I know you're looking at the PS3, but this may help you judge what type of games to get for it.

I bought our Wii when my daughter was 5 and my son was 3. She's not really a gamer, but over the past year, he's turned into one (he'll turn 6 in December). From what I have seen with him, he does really well with car games where they have a steering wheel, the Mario/Sonic type games where you run and jump in a straight line and the shooting games where you put the remote in one of the little fake guns. If it's a puzzle game where they have to do 2 or 3 things in order to make some larger thing work, it tends to go over his head (I don't think most 5 year olds have that much cognitive reasoning yet). So I try to get games that are fairly simple and linear in their flow.

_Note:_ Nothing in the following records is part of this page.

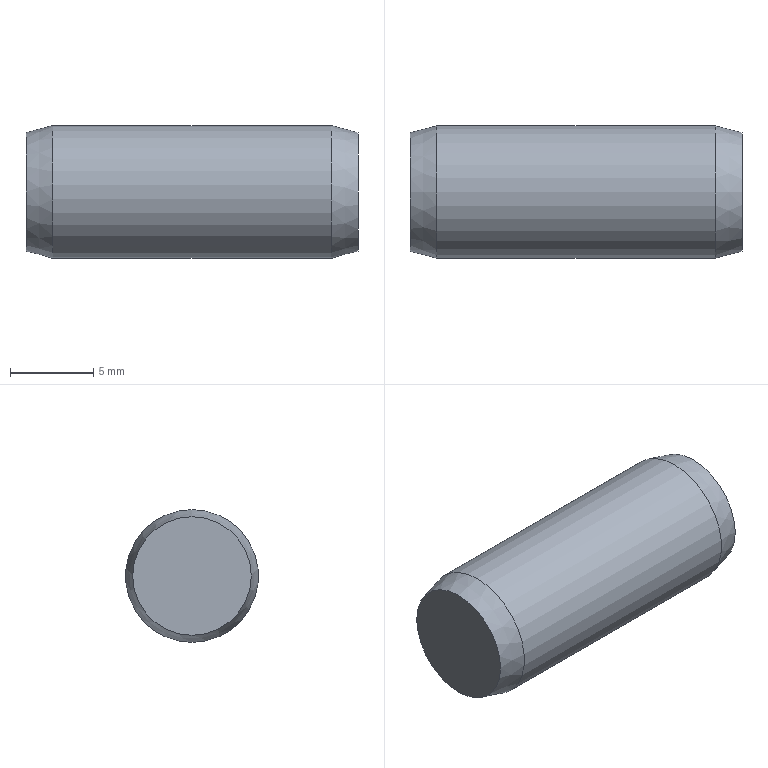Component | NX | GB-T119_1-2000_8X20_2 | 1 solid | 5 faces | box 20 x 8 x 8 mm | volume 989 mm3 | plane 2 | cone 2 | cylinder 1 | commonest cylinder face diameters 8 x1
STEP:
#1=CARTESIAN_POINT('',(0.,0.,0.));
#2=DIRECTION('',(0.,0.,1.));
#3=DIRECTION('',(1.,0.,0.));
#4=AXIS2_PLACEMENT_3D('',#1,#2,#3);
#5=CARTESIAN_POINT('',(-7.89,-28.599,-193.805));
#6=VERTEX_POINT('',#5);
#7=CARTESIAN_POINT('',(-7.89,-28.599,-197.377));
#8=DIRECTION('',(-1.,0.,0.));
#9=DIRECTION('',(0.,0.,1.));
#10=AXIS2_PLACEMENT_3D('',#7,#8,#9);
#11=CIRCLE('',#10,3.571);
#12=CARTESIAN_POINT('',(-7.89,-28.599,-197.377));
#13=DIRECTION('',(-1.,0.,0.));
#14=DIRECTION('',(0.,0.,1.));
#15=AXIS2_PLACEMENT_3D('',#12,#13,#14);
#16=PLANE('',#15);
#17=CARTESIAN_POINT('',(0.,0.));
#18=DIRECTION('',(1.,0.));
#19=AXIS2_PLACEMENT_2D('',#17,#18);
#20=CIRCLE('',#19,3.571);
#21=(GEOMETRIC_REPRESENTATION_CONTEXT(2)PARAMETRIC_REPRESENTATION_CONTEXT()REPRESENTATION_CONTEXT('',''));
#22=DEFINITIONAL_REPRESENTATION('',(#20),#21);
#23=PCURVE('',#16,#22);
#24=CARTESIAN_POINT('',(-7.89,-28.599,-197.377));
#25=DIRECTION('',(1.,0.,0.));
#26=DIRECTION('',(0.,0.,-1.));
#27=AXIS2_PLACEMENT_3D('',#24,#25,#26);
#28=CONICAL_SURFACE('',#27,3.571,0.2618);
#29=CARTESIAN_POINT('',(9.425,-0.));
#30=DIRECTION('',(-1.,0.));
#31=VECTOR('',#30,1.);
#32=LINE('',#29,#31);
#33=(GEOMETRIC_REPRESENTATION_CONTEXT(2)PARAMETRIC_REPRESENTATION_CONTEXT()REPRESENTATION_CONTEXT('',''));
#34=DEFINITIONAL_REPRESENTATION('',(#32),#33);
#35=PCURVE('',#28,#34);
#36=SURFACE_CURVE('',#11,(#23,#35),.PCURVE_S1.);
#37=EDGE_CURVE('',#6,#6,#36,.T.);
#38=ORIENTED_EDGE('',*,*,#37,.T.);
#39=EDGE_LOOP('',(#38));
#40=FACE_BOUND('',#39,.T.);
#41=ADVANCED_FACE('',(#40),#16,.T.);
#42=CARTESIAN_POINT('',(-6.29,-28.599,-193.377));
#43=VERTEX_POINT('',#42);
#44=CARTESIAN_POINT('',(-6.29,-28.599,-197.377));
#45=DIRECTION('',(-1.,0.,0.));
#46=DIRECTION('',(0.,0.,1.));
#47=AXIS2_PLACEMENT_3D('',#44,#45,#46);
#48=CIRCLE('',#47,4.);
#49=CARTESIAN_POINT('',(9.425,1.6));
#50=DIRECTION('',(-1.,0.));
#51=VECTOR('',#50,1.);
#52=LINE('',#49,#51);
#53=(GEOMETRIC_REPRESENTATION_CONTEXT(2)PARAMETRIC_REPRESENTATION_CONTEXT()REPRESENTATION_CONTEXT('',''));
#54=DEFINITIONAL_REPRESENTATION('',(#52),#53);
#55=PCURVE('',#28,#54);
#56=CARTESIAN_POINT('',(12.11,-28.599,-197.377));
#57=DIRECTION('',(-1.,0.,0.));
#58=DIRECTION('',(0.,0.,1.));
#59=AXIS2_PLACEMENT_3D('',#56,#57,#58);
#60=CYLINDRICAL_SURFACE('',#59,4.);
#61=CARTESIAN_POINT('',(0.,18.4));
#62=DIRECTION('',(1.,0.));
#63=VECTOR('',#62,1.);
#64=LINE('',#61,#63);
#65=(GEOMETRIC_REPRESENTATION_CONTEXT(2)PARAMETRIC_REPRESENTATION_CONTEXT()REPRESENTATION_CONTEXT('',''));
#66=DEFINITIONAL_REPRESENTATION('',(#64),#65);
#67=PCURVE('',#60,#66);
#68=SURFACE_CURVE('',#48,(#55,#67),.PCURVE_S1.);
#69=EDGE_CURVE('',#43,#43,#68,.T.);
#70=ORIENTED_EDGE('',*,*,#69,.T.);
#71=CARTESIAN_POINT('',(-7.89,-28.599,-193.805));
#72=CARTESIAN_POINT('',(-6.29,-28.599,-193.377));
#73=B_SPLINE_CURVE_WITH_KNOTS('',1,(#71,#72),.UNSPECIFIED.,.F.,.F.,(2,2),(-0.,1.656),.PIECEWISE_BEZIER_KNOTS.);
#74=CARTESIAN_POINT('',(3.142,0.));
#75=DIRECTION('',(0.,1.));
#76=VECTOR('',#75,1.);
#77=LINE('',#74,#76);
#78=(GEOMETRIC_REPRESENTATION_CONTEXT(2)PARAMETRIC_REPRESENTATION_CONTEXT()REPRESENTATION_CONTEXT('',''));
#79=DEFINITIONAL_REPRESENTATION('',(#77),#78);
#80=PCURVE('',#28,#79);
#81=CARTESIAN_POINT('',(9.425,0.));
#82=DIRECTION('',(0.,1.));
#83=VECTOR('',#82,1.);
#84=LINE('',#81,#83);
#85=(GEOMETRIC_REPRESENTATION_CONTEXT(2)PARAMETRIC_REPRESENTATION_CONTEXT()REPRESENTATION_CONTEXT('',''));
#86=DEFINITIONAL_REPRESENTATION('',(#84),#85);
#87=PCURVE('',#28,#86);
#88=SEAM_CURVE('',#73,(#80,#87),.PCURVE_S1.);
#89=EDGE_CURVE('',#6,#43,#88,.T.);
#90=ORIENTED_EDGE('',*,*,#89,.F.);
#91=ORIENTED_EDGE('',*,*,#37,.F.);
#92=ORIENTED_EDGE('',*,*,#89,.T.);
#93=EDGE_LOOP('',(#70,#90,#91,#92));
#94=FACE_BOUND('',#93,.T.);
#95=ADVANCED_FACE('',(#94),#28,.T.);
#96=CARTESIAN_POINT('',(10.51,-28.599,-193.377));
#97=VERTEX_POINT('',#96);
#98=CARTESIAN_POINT('',(10.51,-28.599,-197.377));
#99=DIRECTION('',(-1.,0.,0.));
#100=DIRECTION('',(0.,0.,1.));
#101=AXIS2_PLACEMENT_3D('',#98,#99,#100);
#102=CIRCLE('',#101,4.);
#103=CARTESIAN_POINT('',(0.,1.6));
#104=DIRECTION('',(1.,0.));
#105=VECTOR('',#104,1.);
#106=LINE('',#103,#105);
#107=(GEOMETRIC_REPRESENTATION_CONTEXT(2)PARAMETRIC_REPRESENTATION_CONTEXT()REPRESENTATION_CONTEXT('',''));
#108=DEFINITIONAL_REPRESENTATION('',(#106),#107);
#109=PCURVE('',#60,#108);
#110=CARTESIAN_POINT('',(10.51,-28.599,-197.377));
#111=DIRECTION('',(-1.,0.,0.));
#112=DIRECTION('',(0.,0.,1.));
#113=AXIS2_PLACEMENT_3D('',#110,#111,#112);
#114=CONICAL_SURFACE('',#113,4.,0.2618);
#115=CARTESIAN_POINT('',(0.,-0.));
#116=DIRECTION('',(1.,0.));
#117=VECTOR('',#116,1.);
#118=LINE('',#115,#117);
#119=(GEOMETRIC_REPRESENTATION_CONTEXT(2)PARAMETRIC_REPRESENTATION_CONTEXT()REPRESENTATION_CONTEXT('',''));
#120=DEFINITIONAL_REPRESENTATION('',(#118),#119);
#121=PCURVE('',#114,#120);
#122=SURFACE_CURVE('',#102,(#109,#121),.PCURVE_S1.);
#123=EDGE_CURVE('',#97,#97,#122,.T.);
#124=ORIENTED_EDGE('',*,*,#123,.T.);
#125=CARTESIAN_POINT('',(10.51,-28.599,-193.377));
#126=CARTESIAN_POINT('',(-6.29,-28.599,-193.377));
#127=B_SPLINE_CURVE_WITH_KNOTS('',1,(#125,#126),.UNSPECIFIED.,.F.,.F.,(2,2),(1.6,18.4),.PIECEWISE_BEZIER_KNOTS.);
#128=CARTESIAN_POINT('',(6.283,0.));
#129=DIRECTION('',(0.,1.));
#130=VECTOR('',#129,1.);
#131=LINE('',#128,#130);
#132=(GEOMETRIC_REPRESENTATION_CONTEXT(2)PARAMETRIC_REPRESENTATION_CONTEXT()REPRESENTATION_CONTEXT('',''));
#133=DEFINITIONAL_REPRESENTATION('',(#131),#132);
#134=PCURVE('',#60,#133);
#135=CARTESIAN_POINT('',(0.,0.));
#136=DIRECTION('',(0.,1.));
#137=VECTOR('',#136,1.);
#138=LINE('',#135,#137);
#139=(GEOMETRIC_REPRESENTATION_CONTEXT(2)PARAMETRIC_REPRESENTATION_CONTEXT()REPRESENTATION_CONTEXT('',''));
#140=DEFINITIONAL_REPRESENTATION('',(#138),#139);
#141=PCURVE('',#60,#140);
#142=SEAM_CURVE('',#127,(#134,#141),.PCURVE_S1.);
#143=EDGE_CURVE('',#97,#43,#142,.T.);
#144=ORIENTED_EDGE('',*,*,#143,.T.);
#145=ORIENTED_EDGE('',*,*,#69,.F.);
#146=ORIENTED_EDGE('',*,*,#143,.F.);
#147=EDGE_LOOP('',(#124,#144,#145,#146));
#148=FACE_BOUND('',#147,.T.);
#149=ADVANCED_FACE('',(#148),#60,.T.);
#150=CARTESIAN_POINT('',(12.11,-28.599,-193.805));
#151=VERTEX_POINT('',#150);
#152=CARTESIAN_POINT('',(12.11,-28.599,-197.377));
#153=DIRECTION('',(-1.,0.,0.));
#154=DIRECTION('',(0.,0.,1.));
#155=AXIS2_PLACEMENT_3D('',#152,#153,#154);
#156=CIRCLE('',#155,3.571);
#157=CARTESIAN_POINT('',(0.,-1.6));
#158=DIRECTION('',(1.,0.));
#159=VECTOR('',#158,1.);
#160=LINE('',#157,#159);
#161=(GEOMETRIC_REPRESENTATION_CONTEXT(2)PARAMETRIC_REPRESENTATION_CONTEXT()REPRESENTATION_CONTEXT('',''));
#162=DEFINITIONAL_REPRESENTATION('',(#160),#161);
#163=PCURVE('',#114,#162);
#164=CARTESIAN_POINT('',(12.11,-28.599,-200.948));
#165=DIRECTION('',(1.,0.,0.));
#166=DIRECTION('',(0.,0.,-1.));
#167=AXIS2_PLACEMENT_3D('',#164,#165,#166);
#168=PLANE('',#167);
#169=CARTESIAN_POINT('',(-7.143,0.));
#170=CARTESIAN_POINT('',(-7.143,6.186));
#171=CARTESIAN_POINT('',(-1.786,3.093));
#172=CARTESIAN_POINT('',(3.571,0.));
#173=CARTESIAN_POINT('',(-1.786,-3.093));
#174=CARTESIAN_POINT('',(-7.143,-6.186));
#175=CARTESIAN_POINT('',(-7.143,0.));
#176=(BOUNDED_CURVE()B_SPLINE_CURVE(2,(#169,#170,#171,#172,#173,#174,#175),.UNSPECIFIED.,.T.,.F.)B_SPLINE_CURVE_WITH_KNOTS((1,2,2,2,2,1),(-2.094,0.,2.094,4.189,6.283,8.378),.UNSPECIFIED.)CURVE()GEOMETRIC_REPRESENTATION_ITEM()RATIONAL_B_SPLINE_CURVE((1.,0.5,1.,0.5,1.,0.5,1.))REPRESENTATION_ITEM(''));
#177=(GEOMETRIC_REPRESENTATION_CONTEXT(2)PARAMETRIC_REPRESENTATION_CONTEXT()REPRESENTATION_CONTEXT('',''));
#178=DEFINITIONAL_REPRESENTATION('',(#176),#177);
#179=PCURVE('',#168,#178);
#180=SURFACE_CURVE('',#156,(#163,#179),.PCURVE_S1.);
#181=EDGE_CURVE('',#151,#151,#180,.T.);
#182=ORIENTED_EDGE('',*,*,#181,.T.);
#183=CARTESIAN_POINT('',(12.11,-28.599,-193.805));
#184=CARTESIAN_POINT('',(10.51,-28.599,-193.377));
#185=B_SPLINE_CURVE_WITH_KNOTS('',1,(#183,#184),.UNSPECIFIED.,.F.,.F.,(2,2),(-1.656,-0.),.PIECEWISE_BEZIER_KNOTS.);
#186=CARTESIAN_POINT('',(6.283,0.));
#187=DIRECTION('',(0.,1.));
#188=VECTOR('',#187,1.);
#189=LINE('',#186,#188);
#190=(GEOMETRIC_REPRESENTATION_CONTEXT(2)PARAMETRIC_REPRESENTATION_CONTEXT()REPRESENTATION_CONTEXT('',''));
#191=DEFINITIONAL_REPRESENTATION('',(#189),#190);
#192=PCURVE('',#114,#191);
#193=CARTESIAN_POINT('',(0.,0.));
#194=DIRECTION('',(0.,1.));
#195=VECTOR('',#194,1.);
#196=LINE('',#193,#195);
#197=(GEOMETRIC_REPRESENTATION_CONTEXT(2)PARAMETRIC_REPRESENTATION_CONTEXT()REPRESENTATION_CONTEXT('',''));
#198=DEFINITIONAL_REPRESENTATION('',(#196),#197);
#199=PCURVE('',#114,#198);
#200=SEAM_CURVE('',#185,(#192,#199),.PCURVE_S1.);
#201=EDGE_CURVE('',#151,#97,#200,.T.);
#202=ORIENTED_EDGE('',*,*,#201,.T.);
#203=ORIENTED_EDGE('',*,*,#123,.F.);
#204=ORIENTED_EDGE('',*,*,#201,.F.);
#205=EDGE_LOOP('',(#182,#202,#203,#204));
#206=FACE_BOUND('',#205,.T.);
#207=ADVANCED_FACE('',(#206),#114,.T.);
#208=ORIENTED_EDGE('',*,*,#181,.F.);
#209=EDGE_LOOP('',(#208));
#210=FACE_BOUND('',#209,.T.);
#211=ADVANCED_FACE('',(#210),#168,.T.);
#212=CLOSED_SHELL('',(#41,#95,#149,#207,#211));
#213=MANIFOLD_SOLID_BREP('',#212);
#214=(LENGTH_UNIT()NAMED_UNIT(*)SI_UNIT(.MILLI.,.METRE.));
#215=UNCERTAINTY_MEASURE_WITH_UNIT(LENGTH_MEASURE(0.00001),#214,'','');
#216=(NAMED_UNIT(*)PLANE_ANGLE_UNIT()SI_UNIT($,.RADIAN.));
#217=(NAMED_UNIT(*)SI_UNIT($,.STERADIAN.)SOLID_ANGLE_UNIT());
#218=(GEOMETRIC_REPRESENTATION_CONTEXT(3)GLOBAL_UNCERTAINTY_ASSIGNED_CONTEXT((#215))GLOBAL_UNIT_ASSIGNED_CONTEXT((#214,#216,#217))REPRESENTATION_CONTEXT('',''));
#219=ADVANCED_BREP_SHAPE_REPRESENTATION('',(#4,#213),#218);

I thought they would do better with the Guitar Hero type games, but so far, they haven't gotten the hang of the guitars. I don't remember if it's Guitar Hero or Rock Band, but one of them has a beginner level where all you have to do is strum the guitar. That turns it into a single hand game and they seem to do a little better with that.

He also has a DS and plays similar type games on it. We got him the DS about 9 months ago and I really don't know if the DS has made him better at the Wii or if the Wii made him better at the DS, or if he just got more coordinated and got better at both. The downside to the DS is the game cartridges are tiny and they keep losing the stupid things.


----------



## Getteau (Dec 20, 2007)

The Merg said:


> $20?!?
> 
> http://www.monoprice.com/products/p...=10830&cs_id=1083007&p_id=6499&seq=1&format=2
> 
> - Merg





neomaine said:


> Yowza! Came down in price over the years... even better! Thanks for the link.


+1 on the Yowza!! At $4, that's an instant impulse buy.


----------